Friday, January 30, 2009

BARACK AROUND THE CLOCK!


BY BELINDA M. PASCHAL

Ten days ago, hundreds of millions of Americans witnessed history in the making.

They braved blistering cold to swarm Washington D.C.'s National Mall for a firsthand experience of the event. They braved beer-sticky floors to congregate in bars with big-screen televisions. They braved cranky grandmas upset about the pre-empting of “The Price is Right” to gather in living rooms across the country.

Casting aside such divisions as gender, age, religion, race, creed and color, people from all walks of life united to celebrate a momentous first in this great nation of ours: The swearing-in of the first U.S. president with a six-pack. And I don't mean Bud Light.


Of course, I'm kidding. You'd have to pretty much be living with wolves to not know what happened in our nation's capital on Jan. 20, 2009 ... because wolves only have analog TV and reception in those caves is terrible.

We call George Washington "The Father of His Country." JFK was crowned "The King of Camelot." In Ronald Reagan, we had a cowboy president. Now meet Barack Obama: Presidential pop star.
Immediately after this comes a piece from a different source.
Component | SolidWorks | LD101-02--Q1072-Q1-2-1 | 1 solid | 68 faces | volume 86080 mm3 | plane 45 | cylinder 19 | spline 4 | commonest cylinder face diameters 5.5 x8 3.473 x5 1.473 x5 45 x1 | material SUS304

No, he's not a pop star in the most familiar sense of the term – I'm sure his daughters are far more enthralled by the Jonas Brothers' singing than their dad's – but remember, the "pop" part of the phrase is short for "popular," which Obama undeniably is. Plus there's John McCain's now-infamous comparison of Obama to Britney Spears (they even had the same haircut at one point). If that's not indicative enough of Obama’s seamless assimilation into the pop-culture world, he’s also the first sitting president to use e-mail, as well as an admitted Blackberry addict. In fact, I hear the original draft of his inaugural speech began, "My fellow citizens: OMG, u guyz! I <3 u all!"


But seriously … you can scarcely make it through the checkout line without Obama’s pearly whites blinding you from at least 263 magazine covers, so it’s not out of the realm of possibility that the new prez someday might have his own television network – B.O.-TV, if you will. I’ve already got a few programming suggestions:

In the reality show "Barack of Love," Obama helps a washed-up rock singer find Ms. Right ... or at least Ms. Right-Now.


"O'Bamba" stars the new Head of State as a 1950's rock singer who dies in a tragic accident at the pinnacle of his musical career. Lou Diamond Phillips has a cameo as Roadie No. 3.


While incarcerated, a young man is introduced to politics by his cellmate, a disgraced ex-senator. Upon his release, he uses the lessons he learned in the Big House to land the top spot in the White House. Obama is the Commander-in-Chief in (dramatic pause) "Jailhouse Barack."


And now, our feature presentation: With every wedding comes a few surprises and "'Bama Mia!" is one trip down the aisle you'll never forget ... especially after hearing the 44th president belt out ABBA's "Dancing Queen."